Von der damals demonstrierten Einigkeit ist etwas verloren gegangen.

Vergangene Woche hat der Taufkirchner Gemeinderat einstimmig entschieden, sich nicht an einer Erweiterung des Zweckverbands Gymnasium Oberhaching zu beteiligen. Dieser, so hatten es die Verbandsmitglieder eigentlich entschieden, soll den Neubau der Fachoberschule sowie der Realschule in Oberhaching und in der Folge des Gymnasiums Sauerlach verantworten. Auch Taufkirchens Bürgermeister Sander hatte dem Fahrplan zugestimmt - und nun im Gemeinderat eine Absage erteilt.

Seit der Neuregelung profitieren vor allem die Kommunen

"Das ist reines Kirchturmdenken", sagt Nadler. "Im Gemeinderat wird oft monatelang diskutiert, ob bei der neuen Grundschule die Fenster links oder rechts hängen sollen.
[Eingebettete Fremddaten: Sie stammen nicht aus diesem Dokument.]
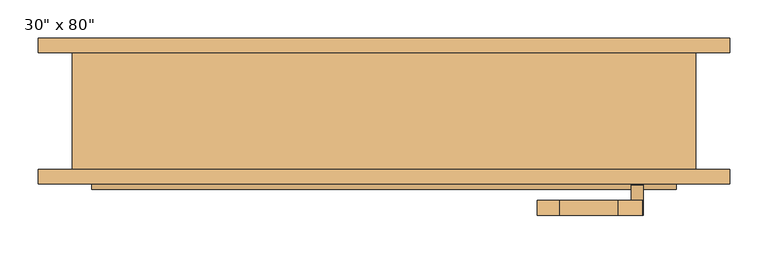
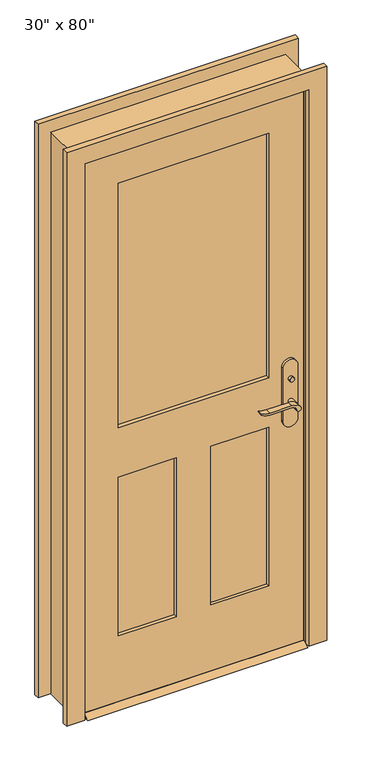
"""IFC4 building model written with IfcOpenShell, lengths in millimetres: door geometry."""

from ifc_helpers import new_model, si_unit, point, frame, frame_2d, origin, place, context, project, spatial, polyline, circle_curve, trimmed, segment, composite_curve, outline, extrude, faceted_brep, source, transform, mapped, element, save


def door_ce1fc124(model_context):
    return source(origin(), model_context, "Body", "SolidModel", [
        extrude(outline(polyline([(-38.1, 12.7), (-12.7, 0.0), (-98.425, 0.0), (-73.025, 12.7), (-38.1, 12.7)])), frame((-381.0, 0.0, 0.0), z_axis=(1.0, 0.0, 0.0), x_axis=(0.0, 1.0, 0.0)), (0.0, 0.0, 1.0), 762.0),
        extrude(outline(polyline([(335.2, -18.1), (335.2, -28.1), (325.2, -28.1), (325.2, -18.1), (335.2, -18.1)])), frame((0.0, 0.0, 981.9), z_axis=(0.0, 0.0, 1.0), x_axis=(1.0, 0.0, 0.0)), (0.0, 0.0, 1.0), 30.0),
        extrude(outline(composite_curve([segment(trimmed(circle_curve(frame_2d((996.9, 330.2)), 8.0), [point((996.9, 322.2))], [point((996.9, 338.2))], False, "CARTESIAN"), True, "CONTINUOUS"), segment(trimmed(circle_curve(frame_2d((996.9, 330.2)), 8.0), [point((996.9, 338.2))], [point((996.9, 322.2))], False, "CARTESIAN"), True, "CONTINUOUS")], self_intersect=False)), frame((0.0, -93.025, 0.0), z_axis=(0.0, 1.0, 0.0), x_axis=(0.0, 0.0, 1.0)), (0.0, 0.0, 1.0), 10.0),
        extrude(outline(composite_curve([segment(trimmed(circle_curve(frame_2d((897.1555521, 306.5324871)), 37.2832219), [point((919.0523287, 336.7081363))], [point((934.4, 304.8325667))], False, "CARTESIAN"), True, "CONTINUOUS"), segment(polyline([(934.4, 304.8325667), (934.4, 228.5564091)]), True, "CONTINUOUS"), segment(trimmed(circle_curve(frame_2d((1017.6850638, 228.6227909)), 83.2850902), [point((934.4, 228.5564091))], [point((939.4, 200.2))], True, "CARTESIAN"), True, "CONTINUOUS"), segment(polyline([(939.4, 200.2), (936.6135558, 200.2)]), True, "CONTINUOUS"), segment(trimmed(circle_curve(frame_2d((986.6709207, 232.1396612)), 59.3791355), [point((936.6135558, 200.2))], [point((927.4, 228.5564091))], False, "CARTESIAN"), True, "CONTINUOUS"), segment(polyline([(927.4, 228.5564091), (927.4, 304.8138099)]), True, "CONTINUOUS"), segment(trimmed(circle_curve(frame_2d((909.2738613, 304.8138099)), 18.1261387), [point((927.4, 304.8138099))], [point((914.4, 322.2))], True, "CARTESIAN"), True, "CONTINUOUS"), segment(trimmed(circle_curve(frame_2d((914.4, 330.2)), 8.0), [point((914.4, 322.2))], [point((919.0523287, 336.7081363))], False, "CARTESIAN"), True, "CONTINUOUS")], self_intersect=False)), frame((0.0, 1.9, 0.0), z_axis=(0.0, 1.0, 0.0), x_axis=(0.0, 0.0, 1.0)), (0.0, 0.0, 1.0), 20.0),
        extrude(outline(composite_curve([segment(trimmed(circle_curve(frame_2d((914.4, 330.2)), 8.0), [point((914.3999903, 322.2))], [point((919.0523287, 336.7081363))], False, "CARTESIAN"), True, "CONTINUOUS"), segment(trimmed(circle_curve(frame_2d((897.1555521, 306.5324871)), 37.2832219), [point((919.0523287, 336.7081363))], [point((934.4, 304.8325667))], False, "CARTESIAN"), True, "CONTINUOUS"), segment(polyline([(934.4, 304.8325667), (934.4, 228.5564091)]), True, "CONTINUOUS"), segment(trimmed(circle_curve(frame_2d((1017.6850638, 228.6227909)), 83.2850902), [point((934.4, 228.5564091))], [point((939.4, 200.2))], True, "CARTESIAN"), True, "CONTINUOUS"), segment(polyline([(939.4, 200.2), (936.6135558, 200.2)]), True, "CONTINUOUS"), segment(trimmed(circle_curve(frame_2d((986.6709207, 232.1396612)), 59.3791355), [point((936.6135558, 200.2))], [point((927.4, 228.5564091))], False, "CARTESIAN"), True, "CONTINUOUS"), segment(polyline([(927.4, 228.5564091), (927.4, 304.8138122)]), True, "CONTINUOUS"), segment(trimmed(circle_curve(frame_2d((909.2738682, 304.8138122)), 18.1261318), [point((927.4, 304.8138122))], [point((914.3999903, 322.2))], True, "CARTESIAN"), True, "CONTINUOUS")], self_intersect=False)), frame((0.0, -133.025, 0.0), z_axis=(0.0, 1.0, 0.0), x_axis=(0.0, 0.0, 1.0)), (0.0, 0.0, 1.0), 20.0),
        extrude(outline(composite_curve([segment(trimmed(circle_curve(frame_2d((914.4, 330.2)), 8.0), [point((914.4, 322.2))], [point((914.4, 338.2))], False, "CARTESIAN"), True, "CONTINUOUS"), segment(trimmed(circle_curve(frame_2d((914.4, 330.2)), 8.0), [point((914.4, 338.2))], [point((914.4, 322.2))], False, "CARTESIAN"), True, "CONTINUOUS")], self_intersect=False)), frame((0.0, -28.1, 0.0), z_axis=(0.0, 1.0, 0.0), x_axis=(0.0, 0.0, 1.0)), (0.0, 0.0, 1.0), 30.0),
        extrude(outline(composite_curve([segment(trimmed(circle_curve(frame_2d((914.4, 330.2)), 8.0), [point((914.4, 322.2))], [point((914.4, 338.2))], False, "CARTESIAN"), True, "CONTINUOUS"), segment(trimmed(circle_curve(frame_2d((914.4, 330.2)), 8.0), [point((914.4, 338.2))], [point((914.4, 322.2))], False, "CARTESIAN"), True, "CONTINUOUS")], self_intersect=False)), frame((0.0, -113.025, 0.0), z_axis=(0.0, 1.0, 0.0), x_axis=(0.0, 0.0, 1.0)), (0.0, 0.0, 1.0), 30.0),
        extrude(outline(composite_curve([segment(polyline([(844.4, 355.2), (1039.4, 355.2)]), True, "CONTINUOUS"), segment(trimmed(circle_curve(frame_2d((1039.4, 330.2)), 25.0), [point((1039.4, 355.2))], [point((1039.4, 305.2))], False, "CARTESIAN"), True, "CONTINUOUS"), segment(polyline([(1039.4, 305.2), (844.4, 305.2)]), True, "CONTINUOUS"), segment(trimmed(circle_curve(frame_2d((844.4, 330.2)), 25.0), [point((844.4, 305.2))], [point((844.4, 355.2))], False, "CARTESIAN"), True, "CONTINUOUS")], self_intersect=False)), frame((0.0, -38.1, 0.0), z_axis=(0.0, 1.0, 0.0), x_axis=(0.0, 0.0, 1.0)), (0.0, 0.0, 1.0), 10.0),
        extrude(outline(composite_curve([segment(polyline([(844.4, 355.2), (1039.4, 355.2)]), True, "CONTINUOUS"), segment(trimmed(circle_curve(frame_2d((1039.4, 330.2)), 25.0), [point((1039.4, 355.2))], [point((1039.4, 305.2))], False, "CARTESIAN"), True, "CONTINUOUS"), segment(polyline([(1039.4, 305.2), (844.4, 305.2)]), True, "CONTINUOUS"), segment(trimmed(circle_curve(frame_2d((844.4, 330.2)), 25.0), [point((844.4, 305.2))], [point((844.4, 355.2))], False, "CARTESIAN"), True, "CONTINUOUS")], self_intersect=False)), frame((0.0, -83.025, 0.0), z_axis=(0.0, 1.0, 0.0), x_axis=(0.0, 0.0, 1.0)), (0.0, 0.0, 1.0), 10.0),
        extrude(outline(polyline([(2032.0, -381.0), (12.7, -381.0), (12.7, 381.0), (2032.0, 381.0), (2032.0, -381.0)]), holes=[polyline([(1016.0, -260.35), (1911.35, -260.35), (1911.35, 260.35), (1016.0, 260.35), (1016.0, -260.35)]), polyline([(835.025, -60.325), (254.0, -60.325), (254.0, -260.35), (835.025, -260.35), (835.025, -60.325)]), polyline([(835.025, 260.35), (254.0, 260.35), (254.0, 60.325), (835.025, 60.325), (835.025, 260.35)])]), frame((0.0, -73.025, 0.0), z_axis=(0.0, 1.0, 0.0), x_axis=(0.0, 0.0, 1.0)), (0.0, 0.0, 1.0), 34.925),
        faceted_brep([(406.4, -73.025, 0.0), (381.0, -73.025, 0.0), (381.0, -38.1, 0.0), (368.3, -38.1, 0.0), (368.3, -3.175, 0.0), (381.0, -3.175, 0.0), (381.0, 79.375, 0.0), (406.4, 79.375, 0.0), (406.4, 79.375, 2057.4), (406.4, -73.025, 2057.4), (381.0, 79.375, 2032.0), (-381.0, 79.375, 2032.0), (-381.0, 79.375, 0.0), (-406.4, 79.375, 0.0), (-406.4, 79.375, 2057.4), (381.0, -3.175, 2032.0), (368.3, -3.175, 2019.3), (-368.3, -3.175, 2019.3), (-368.3, -3.175, 0.0), (-381.0, -3.175, 0.0), (-381.0, -3.175, 2032.0), (368.3, -38.1, 2019.3), (381.0, -38.1, 2032.0), (-381.0, -38.1, 2032.0), (-381.0, -38.1, 0.0), (-368.3, -38.1, 0.0), (-368.3, -38.1, 2019.3), (381.0, -73.025, 2032.0), (-406.4, -73.025, 2057.4), (-406.4, -73.025, 0.0), (-381.0, -73.025, 0.0), (-381.0, -73.025, 2032.0)], [[[0, 1, 2, 3, 4, 5, 6, 7]], [[7, 8, 9, 0]], [[6, 10, 11, 12, 13, 14, 8, 7]], [[5, 15, 10, 6]], [[4, 16, 17, 18, 19, 20, 15, 5]], [[3, 21, 16, 4]], [[2, 22, 23, 24, 25, 26, 21, 3]], [[1, 27, 22, 2]], [[0, 9, 28, 29, 30, 31, 27, 1]], [[8, 14, 28, 9]], [[15, 20, 11, 10]], [[21, 26, 17, 16]], [[27, 31, 23, 22]], [[29, 13, 12, 19, 18, 25, 24, 30]], [[14, 13, 29, 28]], [[20, 19, 12, 11]], [[26, 25, 18, 17]], [[31, 30, 24, 23]]]),
        extrude(outline(polyline([(-60.325, -49.7416667), (-60.325, -61.3833333), (-260.35, -61.3833333), (-260.35, -49.7416667), (-60.325, -49.7416667)])), frame((0.0, 0.0, 254.0), z_axis=(0.0, 0.0, 1.0), x_axis=(1.0, 0.0, 0.0)), (0.0, 0.0, 1.0), 581.025),
        extrude(outline(polyline([(260.35, -49.7416667), (260.35, -61.3833333), (60.325, -61.3833333), (60.325, -49.7416667), (260.35, -49.7416667)])), frame((0.0, 0.0, 254.0), z_axis=(0.0, 0.0, 1.0), x_axis=(1.0, 0.0, 0.0)), (0.0, 0.0, 1.0), 581.025),
        extrude(outline(polyline([(260.35, -52.07), (260.35, -59.055), (-260.35, -59.055), (-260.35, -52.07), (260.35, -52.07)])), frame((0.0, 0.0, 1016.0), z_axis=(0.0, 0.0, 1.0), x_axis=(1.0, 0.0, 0.0)), (0.0, 0.0, 1.0), 895.35),
        extrude(outline(polyline([(0.0, -387.35), (2038.35, -387.35), (2038.35, 387.35), (0.0, 387.35), (0.0, 450.85), (2101.85, 450.85), (2101.85, -450.85), (0.0, -450.85), (0.0, -387.35)])), frame((0.0, 79.375, 0.0), z_axis=(0.0, 1.0, 0.0), x_axis=(0.0, 0.0, 1.0)), (0.0, 0.0, 1.0), 19.05),
        extrude(outline(polyline([(0.0, -387.35), (2038.35, -387.35), (2038.35, 387.35), (0.0, 387.35), (0.0, 450.85), (2101.85, 450.85), (2101.85, -450.85), (0.0, -450.85), (0.0, -387.35)])), frame((0.0, -92.075, 0.0), z_axis=(0.0, 1.0, 0.0), x_axis=(0.0, 0.0, 1.0)), (0.0, 0.0, 1.0), 19.05),
    ])


if __name__ == "__main__":
    model = new_model("IFC4")
    model_context = context("Model", 3, world=origin())
    ifc_project = project(units=[si_unit("LENGTHUNIT", "METRE", prefix="MILLI")], contexts=[model_context])
    site = spatial("IfcSite", under=ifc_project)
    building = spatial("IfcBuilding", under=site)
    placement = place(None, origin())
    door_shape = door_ce1fc124(model_context)
    element("IfcDoor", 1, ObjectType="30\" x 80\"", at=placement, inside=building, context=model_context, shape_type="MappedRepresentation", body=[
        mapped(door_shape, transform((0.0, 0.0, 0.0), x_axis=(1.0, 0.0, 0.0), y_axis=(0.0, 1.0, 0.0), z_axis=(0.0, 0.0, 1.0))),
    ])
    save(model, "model.ifc")

# Revit data of these elements
# Type "30\" x 80\""
#   Type Mark = "8"
#   Assembly Code = "B2030100"
#   Analytic Construction = "French door, wood frame with single glass"
#   Top Rail = 0' - 4 3/4"
#   Threshold Offset [instance default] = 0' - 0 1/2"
#   Thickness = 0' - 1 3/8"
#   Thermal Resistance (R) = 1.0696 (h·ft²·°F)/BTU
#   Swing Angle [instance default] = 90.00°
#   Stiles = 0' - 4 3/4"
#   Rough Width = 2' - 8"
#   Rough Height = 6' - 9"
#   Lock Rail = 0' - 7 1/8"
#   Height = 6' - 8"
#   Width = 2' - 6"
#   Heat Transfer Coefficient (U) = 0.9350 BTU/(h·ft²·°F)
#   Door Offset [instance default] = 0' - 0"
#   Bottom Rail = 0' - 9 1/2"
#   Threshold [instance default] = yes
#   Function = 1
#   Exterior Trim [instance default] = yes
#   Trim Material = Cherry
#   Threshold Material = Cherry
#   Panel Material = Cherry
#   Glazing = Glass
#   Frame Material = Cherry
#   Door Handle Material = Aluminum
#   Visual Light Transmittance = 0
#   Solar Heat Gain Coefficient = 0
#   Wall Closure = (empty or 0)
#   Construction Type = (empty or 0)
# Element 1 (IfcDoor, "30\" x 80\"")
#   Materials on its faces: "Cherry", "Aluminum", "Glass"
# Materials
#   "Cherry": class "Wood", colour RGB 226 177 128, transparency 0, Description = "Prunus Serotina", Cost = 0
#   "Glass": class "Glass", colour RGB 0 128 192, transparency 0.75, Description = "Soda Lime Glass", Cost = 0
#   "Aluminum": class "Metal", colour RGB 247 247 247, transparency 0, Description = "Aluminum 6061", Cost = 0

Aber wenn es um weitreichende Entscheidungen geht, fehlt der Blick für das große Ganze." Nadler geht noch weiter und attestiert Taufkirchen, "vollkommen aus der Linie der Solidarität auszuscheren".

Der Gemeinderat hatte Kritik an einer finanziellen Beteiligung beim Neubau einer Realschule in Oberhaching in Höhe von einer Million Euro geäußert und den Nutzen für die eigene Gemeinde in Zweifel gezogen. "Beim Neubau der Taufkirchner Realschule waren alle so frei, die Unterstützung der anderen Mitglieder im Zweckverband anzunehmen", sagt Nadler. "Das Finanzierungsmodell für Gymnasien und Realschulen fußt aber auf der Solidarität aller Partner - also dem Landkreis und den Kommunen. Und wir haben es ohnehin im Kreistag zugunsten der Kommunen geändert."

Seit der Neuregelung im vergangenen Jahr trägt der Kreis bei Neubauten von weiterführenden Schulen 70 Prozent der Kosten, die Kommunen übernehmen 30 Prozent. Bisher war dies genau umgekehrt. Mehr noch: Der Kreistag hat das System rückwirkend bis 1993 umgestellt, was erhebliche Rückzahlungen an die 29 Städte und Gemeinden zur Folge haben wird.

Die Entscheidung des Taufkirchner Gemeinderats, sagt Landrat Göbel, vermittle den Eindruck eines "emotionalen Schnellschusses". Er selbst, sagt Göbel, nehme das "zur Kenntnis, aber ich werfe die Flinte nicht ins Korn". Alle Gespräche in den Zweckverbänden, sagt er, hätten zum Ergebnis habt, dass es sinnvoll sei, die Neubauten von Fachoberschule und Realschule in Oberhaching sowie des Gymnasiums in Sauerlach in die Hände eines Zweckverbandes zu übergeben. "Das schafft Synergien, spart Kosten und wir müssen das geeignete Personal nur einmal suchen", sagt Göbel. "Darüber bestand eigentlich Einigkeit."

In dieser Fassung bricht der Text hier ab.